Suprathreshold perimetry was used in 10 cases (one not obtainable) with the optometrist attempting interpretation in only four—three described as bitemporal loss suggestive of chiasmal pathology (one was actually binasal) and one as an arcuate scotoma on the grey scale where only one spot had been missed.
Four patients were considered to have normal repeat visual fields, three had bitemporal field defects consistent with tilted optic discs but were followed up for a period to exclude progression, one had an old occipital infarct with a homonymous quadrantanopia, and one patient had a walled off schisis detachment. Bilateral field constriction was presumed functional in a patient with a normal magnetic resonance scan and electrophysiology—an optometrist had referred her 4 years previously with similar findings. The remaining patient had suffered blurred vision and sensory disturbance 11 years before and was found to have bilateral field constriction and enlarged blind spots—the only identifiable pathology has been a parietal angioma which does not explain the pattern of field loss.

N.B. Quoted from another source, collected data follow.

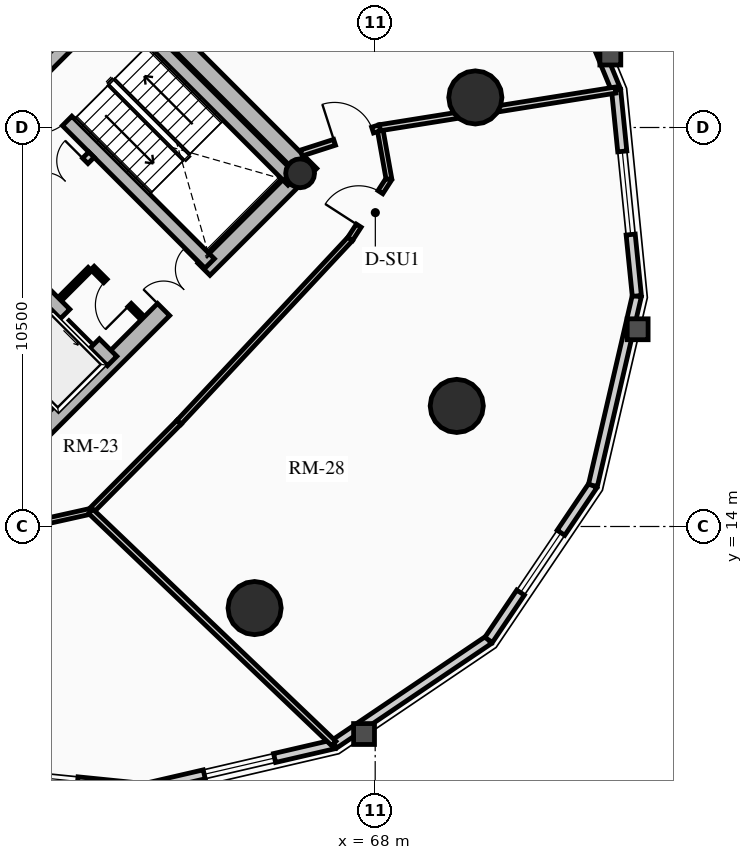
"""IFC4 building model, lengths in metres.
Left out: names, types, materials, properties, quantities, classifications, styles, units other than length and angle.
Written with IfcOpenShell. Run it as: python <this file> out.ifc"""

import sys

from ifc_helpers import new_model, si_unit, direction, frame, frame_2d, origin, origin_2d, place, context, subcontext, project, spatial, rectangle, circle, hollow_circle, extrude, source, transform, mapped, element, fill, save


model = new_model("IFC4")
c1 = context("Model", 3, precision=1e-05, world=origin(), true_north=direction((0.0, 1.0)))
c2 = subcontext(c1, "Body", "Model", "MODEL_VIEW")
j1 = project(units=[si_unit("LENGTHUNIT", "METRE"), si_unit("PLANEANGLEUNIT", "RADIAN")], contexts=[c1])
p1 = place(None, origin())
s1 = spatial("IfcSite", under=j1, at=p1, CompositionType="ELEMENT")
p2 = place(p1, origin())
s2 = spatial("IfcBuilding", under=s1, at=p2, CompositionType="ELEMENT")
p3 = place(p2, frame((0.0, 0.0, 136.6)))
s3 = spatial("IfcBuildingStorey", under=s2, at=p3, CompositionType="ELEMENT", Elevation=136.6)
p4 = place(p3, frame((66.303, 23.263, 0.0), z_axis=(0.0, 0.0, 1.0), x_axis=(-0.707106781187, 0.707106781187, 0.0)))
e1 = element("IfcWall", 1, at=p4, inside=s3, PredefinedType="SHEAR", context=c2, shape_type="SweptSolid", body=[
    extrude(rectangle(XDim=14.2, YDim=0.45, at=frame_2d((7.1, 0.0))), origin(), (0.0, 0.0, 1.0), 3.72),
])
p5 = place(p3, frame((58.578, 15.856, 0.0), z_axis=(0.0, 0.0, 1.0), x_axis=(0.707106781187, 0.707106781187, 0.0)))
e2 = element("IfcWall", 2, at=p5, inside=s3, PredefinedType="SHEAR", context=c2, shape_type="SweptSolid", body=[
    extrude(rectangle(XDim=10.7, YDim=0.45, at=frame_2d((5.35, 0.0))), origin(), (0.0, 0.0, 1.0), 3.72),
])
m1 = source(origin(), c2, "Body", "SweptSolid", [
    extrude(rectangle(XDim=1.5, YDim=2.02, at=frame_2d((0.75, 1.01))), frame((0.0, 0.235, 0.0), z_axis=(0.0, -1.0, 0.0), x_axis=(1.0, 0.0, 0.0)), (0.0, 0.0, 1.0), 0.47),
])
p6 = place(p5, frame((5.45, 0.0, 0.0)))
e3 = element("IfcOpeningElement", 3, at=p6, cuts=e2, PredefinedType="OPENING", context=c2, shape_type="MappedRepresentation", body=[
    mapped(m1, transform((0.0, 0.0, 0.0), x_axis=(1.0, 0.0, 0.0), y_axis=(0.0, 1.0, 0.0), z_axis=(0.0, 0.0, 1.0), scale=1.0)),
])
p7 = place(p3, frame((61.078, 18.355, 0.0), z_axis=(0.0, 0.0, 1.0), x_axis=(-0.707106781187, 0.707106781187, 0.0)))
e4 = element("IfcWall", 4, at=p7, inside=s3, PredefinedType="SHEAR", context=c2, shape_type="SweptSolid", body=[
    extrude(rectangle(XDim=13.75, YDim=0.35, at=frame_2d((6.875, 0.0))), origin(), (0.0, 0.0, 1.0), 3.72),
])
m2 = source(origin(), c2, "Body", "SweptSolid", [
    extrude(rectangle(XDim=1.1, YDim=2.015, at=frame_2d((0.55, 1.007))), frame((0.0, 0.185, 0.0), z_axis=(0.0, -1.0, 0.0), x_axis=(1.0, 0.0, 0.0)), (0.0, 0.0, 1.0), 0.37),
])
p8 = place(p7, frame((4.875, 0.0, 0.0)))
e5 = element("IfcOpeningElement", 5, at=p8, cuts=e4, PredefinedType="OPENING", context=c2, shape_type="MappedRepresentation", body=[
    mapped(m2, transform((0.0, 0.0, 0.0), x_axis=(1.0, 0.0, 0.0), y_axis=(0.0, 1.0, 0.0), z_axis=(0.0, 0.0, 1.0), scale=1.0)),
])
p9 = place(p7, frame((0.65, 0.0, 0.0)))
e6 = element("IfcOpeningElement", 6, at=p9, cuts=e4, PredefinedType="OPENING", context=c2, shape_type="MappedRepresentation", body=[
    mapped(m2, transform((0.0, 0.0, 0.0), x_axis=(1.0, 0.0, 0.0), y_axis=(0.0, 1.0, 0.0), z_axis=(0.0, 0.0, 1.0), scale=1.0)),
])
p10 = place(p7, frame((2.65, 0.0, 0.0)))
e7 = element("IfcOpeningElement", 7, at=p10, cuts=e4, PredefinedType="OPENING", context=c2, shape_type="MappedRepresentation", body=[
    mapped(m2, transform((0.0, 0.0, 0.0), x_axis=(1.0, 0.0, 0.0), y_axis=(0.0, 1.0, 0.0), z_axis=(0.0, 0.0, 1.0), scale=1.0)),
])
m3 = source(origin(), c2, "Body", "SweptSolid", [
    extrude(rectangle(XDim=1.15, YDim=2.02, at=frame_2d((0.575, 1.01))), frame((0.0, 0.185, 0.0), z_axis=(0.0, -1.0, 0.0), x_axis=(1.0, 0.0, 0.0)), (0.0, 0.0, 1.0), 0.37),
])
p11 = place(p7, frame((7.295, 0.0, 0.0)))
e8 = element("IfcOpeningElement", 8, at=p11, cuts=e4, PredefinedType="OPENING", context=c2, shape_type="MappedRepresentation", body=[
    mapped(m3, transform((0.0, 0.0, 0.0), x_axis=(1.0, 0.0, 0.0), y_axis=(0.0, 1.0, 0.0), z_axis=(0.0, 0.0, 1.0), scale=1.0)),
])
p12 = place(p3, frame((63.645, 20.922, 0.0), z_axis=(0.0, 0.0, 1.0), x_axis=(-0.70711946392, 0.707094098226, 0.0)))
e9 = element("IfcWall", 9, at=p12, inside=s3, PredefinedType="SHEAR", context=c2, shape_type="SweptSolid", body=[
    extrude(rectangle(XDim=9.625, YDim=0.35, at=frame_2d((4.812, 0.0))), origin(), (0.0, 0.0, 1.0), 3.72),
])
p13 = place(p12, frame((5.305, 0.0, 0.0)))
e10 = element("IfcOpeningElement", 10, at=p13, cuts=e9, PredefinedType="OPENING", context=c2, shape_type="MappedRepresentation", body=[
    mapped(m3, transform((0.0, 0.0, 0.0), x_axis=(1.0, 0.0, 0.0), y_axis=(0.0, 1.0, 0.0), z_axis=(0.0, 0.0, 1.0), scale=1.0)),
])
p14 = place(p3, frame((65.83, 23.107, 0.0), z_axis=(0.0, 0.0, 1.0), x_axis=(-0.707088616009, 0.707124945897, 0.0)))
e11 = element("IfcWall", 11, at=p14, inside=s3, PredefinedType="SHEAR", context=c2, shape_type="SweptSolid", body=[
    extrude(rectangle(XDim=6.72, YDim=0.35, at=frame_2d((3.36, 0.0))), origin(), (0.0, 0.0, 1.0), 3.72),
])
p15 = place(p3, frame((58.893, 25.674, 0.0), z_axis=(0.0, 0.0, 1.0), x_axis=(0.707106781187, 0.707106781187, 0.0)))
e12 = element("IfcWall", 12, at=p15, inside=s3, PredefinedType="SHEAR", context=c2, shape_type="SweptSolid", body=[
    extrude(rectangle(XDim=3.285, YDim=0.35, at=frame_2d((1.643, 0.0))), origin(), (0.0, 0.0, 1.0), 3.72),
])
p16 = place(p3, frame((66.024, 23.294, 0.0), z_axis=(0.0, 0.0, 1.0), x_axis=(0.707106781187, 0.707106781187, 0.0)))
e13 = element("IfcColumn", 13, at=p16, inside=s3, PredefinedType="COLUMN", context=c2, shape_type="SweptSolid", body=[
    extrude(hollow_circle(Radius=0.38, WallThickness=0.032, at=origin_2d()), origin(), (0.0, 0.0, 1.0), 3.72),
])
for number, where, z_axis, x_axis in (
    (14, (64.827, 11.854, 0.0), (0.0, 0.0, 1.0), (1.0, 0.0, 0.0)),
    (15, (70.146, 17.173, 0.0), (0.0, 0.0, 1.0), (1.0, 0.0, 0.0)),
    (16, (70.635, 25.291, 0.0), (0.0, 0.0, 1.0), (1.0, 0.0, 0.0)),
):
    element("IfcColumn", number, at=place(p3, frame(where, z_axis=z_axis, x_axis=x_axis)), inside=s3, PredefinedType="USERDEFINED", context=c2, shape_type="SweptSolid", body=[
        extrude(circle(Radius=0.7, at=origin_2d()), origin(), (0.0, 0.0, 1.0), 3.72),
    ])
p17 = place(p3, frame((61.933, 7.115, 0.0), z_axis=(0.0, 0.0, 1.0), x_axis=(-0.994971754311, 0.10015591906, 0.0)))
e17 = element("IfcWall", 17, at=p17, inside=s3, PredefinedType="SOLIDWALL", context=c2, shape_type="SweptSolid", body=[
    extrude(rectangle(XDim=5.448, YDim=0.24, at=frame_2d((2.724, 0.0))), origin(), (0.0, 0.0, 1.0), 2.949),
])
m4 = source(origin(), c2, "Body", "SweptSolid", [
    extrude(rectangle(XDim=1.9, YDim=1.35, at=frame_2d((0.95, 0.675))), frame((0.0, 0.13, 0.0), z_axis=(0.0, -1.0, 0.0), x_axis=(1.0, 0.0, 0.0)), (0.0, 0.0, 1.0), 0.26),
])
p18 = place(p17, frame((1.774, 0.0, 0.65)))
e18 = element("IfcOpeningElement", 18, at=p18, cuts=e17, PredefinedType="OPENING", context=c2, shape_type="MappedRepresentation", body=[
    mapped(m4, transform((0.0, 0.0, 0.0), x_axis=(1.0, 0.0, 0.0), y_axis=(0.0, 1.0, 0.0), z_axis=(0.0, 0.0, 1.0), scale=1.0)),
])
p19 = place(p3, frame((66.92, 8.271, 0.0), z_axis=(0.0, 0.0, 1.0), x_axis=(-0.974165631126, -0.225834725257, 0.0)))
e19 = element("IfcWall", 19, at=p19, inside=s3, PredefinedType="SOLIDWALL", context=c2, shape_type="SweptSolid", body=[
    extrude(rectangle(XDim=5.119, YDim=0.24, at=frame_2d((2.56, 0.0))), origin(), (0.0, 0.0, 1.0), 2.949),
])
p20 = place(p19, frame((1.609, 0.0, 0.65)))
e20 = element("IfcOpeningElement", 20, at=p20, cuts=e19, PredefinedType="OPENING", context=c2, shape_type="MappedRepresentation", body=[
    mapped(m4, transform((0.0, 0.0, 0.0), x_axis=(1.0, 0.0, 0.0), y_axis=(0.0, 1.0, 0.0), z_axis=(0.0, 0.0, 1.0), scale=1.0)),
])
p21 = place(p3, frame((70.985, 11.015, 0.0), z_axis=(0.0, 0.0, 1.0), x_axis=(-0.828781148131, -0.559572880421, 0.0)))
e21 = element("IfcWall", 21, at=p21, inside=s3, PredefinedType="SOLIDWALL", context=c2, shape_type="SweptSolid", body=[
    extrude(rectangle(XDim=4.905, YDim=0.24, at=frame_2d((2.452, 0.0))), origin(), (0.0, 0.0, 1.0), 2.949),
])
p22 = place(p3, frame((73.729, 15.08, 0.0), z_axis=(0.0, 0.0, 1.0), x_axis=(-0.559572880421, -0.828781148131, 0.0)))
e22 = element("IfcWall", 22, at=p22, inside=s3, PredefinedType="SOLIDWALL", context=c2, shape_type="SweptSolid", body=[
    extrude(rectangle(XDim=4.905, YDim=0.24, at=frame_2d((2.452, 0.0))), origin(), (0.0, 0.0, 1.0), 2.949),
])
p23 = place(p22, frame((1.502, 0.0, 0.65)))
e23 = element("IfcOpeningElement", 23, at=p23, cuts=e22, PredefinedType="OPENING", context=c2, shape_type="MappedRepresentation", body=[
    mapped(m4, transform((0.0, 0.0, 0.0), x_axis=(1.0, 0.0, 0.0), y_axis=(0.0, 1.0, 0.0), z_axis=(0.0, 0.0, 1.0), scale=1.0)),
])
p24 = place(p3, frame((74.885, 20.067, 0.0), z_axis=(0.0, 0.0, 1.0), x_axis=(-0.225834725257, -0.974165631126, 0.0)))
e24 = element("IfcWall", 24, at=p24, inside=s3, PredefinedType="SOLIDWALL", context=c2, shape_type="SweptSolid", body=[
    extrude(rectangle(XDim=5.119, YDim=0.24, at=frame_2d((2.56, 0.0))), origin(), (0.0, 0.0, 1.0), 2.949),
])
p25 = place(p3, frame((74.339, 25.487, 0.0), z_axis=(0.0, 0.0, 1.0), x_axis=(0.10015591906, -0.994971754311, 0.0)))
e25 = element("IfcWall", 25, at=p25, inside=s3, PredefinedType="SOLIDWALL", context=c2, shape_type="SweptSolid", body=[
    extrude(rectangle(XDim=5.448, YDim=0.24, at=frame_2d((2.724, 0.0))), origin(), (0.0, 0.0, 1.0), 2.949),
])
m5 = source(origin(), c2, "Body", "SweptSolid", [
    extrude(rectangle(XDim=2.2, YDim=1.35, at=frame_2d((1.1, 0.675))), frame((0.0, 0.13, 0.0), z_axis=(0.0, -1.0, 0.0), x_axis=(1.0, 0.0, 0.0)), (0.0, 0.0, 1.0), 0.26),
])
p26 = place(p25, frame((1.624, 0.0, 0.65)))
e26 = element("IfcOpeningElement", 26, at=p26, cuts=e25, PredefinedType="OPENING", context=c2, shape_type="MappedRepresentation", body=[
    mapped(m5, transform((0.0, 0.0, 0.0), x_axis=(1.0, 0.0, 0.0), y_axis=(0.0, 1.0, 0.0), z_axis=(0.0, 0.0, 1.0), scale=1.0)),
])
p27 = place(p3, frame((72.145, 30.811, 0.0), z_axis=(0.0, 0.0, 1.0), x_axis=(0.381027003055, -0.924563909604, 0.0)))
e27 = element("IfcWall", 27, at=p27, inside=s3, PredefinedType="SOLIDWALL", context=c2, shape_type="SweptSolid", body=[
    extrude(rectangle(XDim=5.758, YDim=0.24, at=frame_2d((2.879, 0.0))), origin(), (0.0, 0.0, 1.0), 2.949),
])
p28 = place(p3, frame((58.214, 21.467, 0.0), z_axis=(0.0, 0.0, 1.0), x_axis=(0.707106781187, 0.707106781187, 0.0)))
e28 = element("IfcWall", 28, at=p28, inside=s3, PredefinedType="PARTITIONING", context=c2, shape_type="SweptSolid", body=[
    extrude(rectangle(XDim=3.28, YDim=0.2, at=frame_2d((1.64, 0.0))), origin(), (0.0, 0.0, 1.0), 3.425),
])
m6 = source(origin(), c2, "Body", "SweptSolid", [
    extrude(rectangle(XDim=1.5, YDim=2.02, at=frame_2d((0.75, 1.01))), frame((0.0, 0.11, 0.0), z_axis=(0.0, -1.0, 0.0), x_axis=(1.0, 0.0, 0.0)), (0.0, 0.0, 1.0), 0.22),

No serious, treatable pathology was identified in these patients and none was found to have glaucoma. Our findings do not support the routine use of automated perimetry in patients under the age of 60 years who have no symptoms and signs of pathology or risk factors for glaucoma. We propose that the Royal College of Optometrists guidelines be revised to recommend that automated perimetry be reserved for those with clinical evidence of ocular pathology and those over the age of 60 or with other risk factors for glaucoma.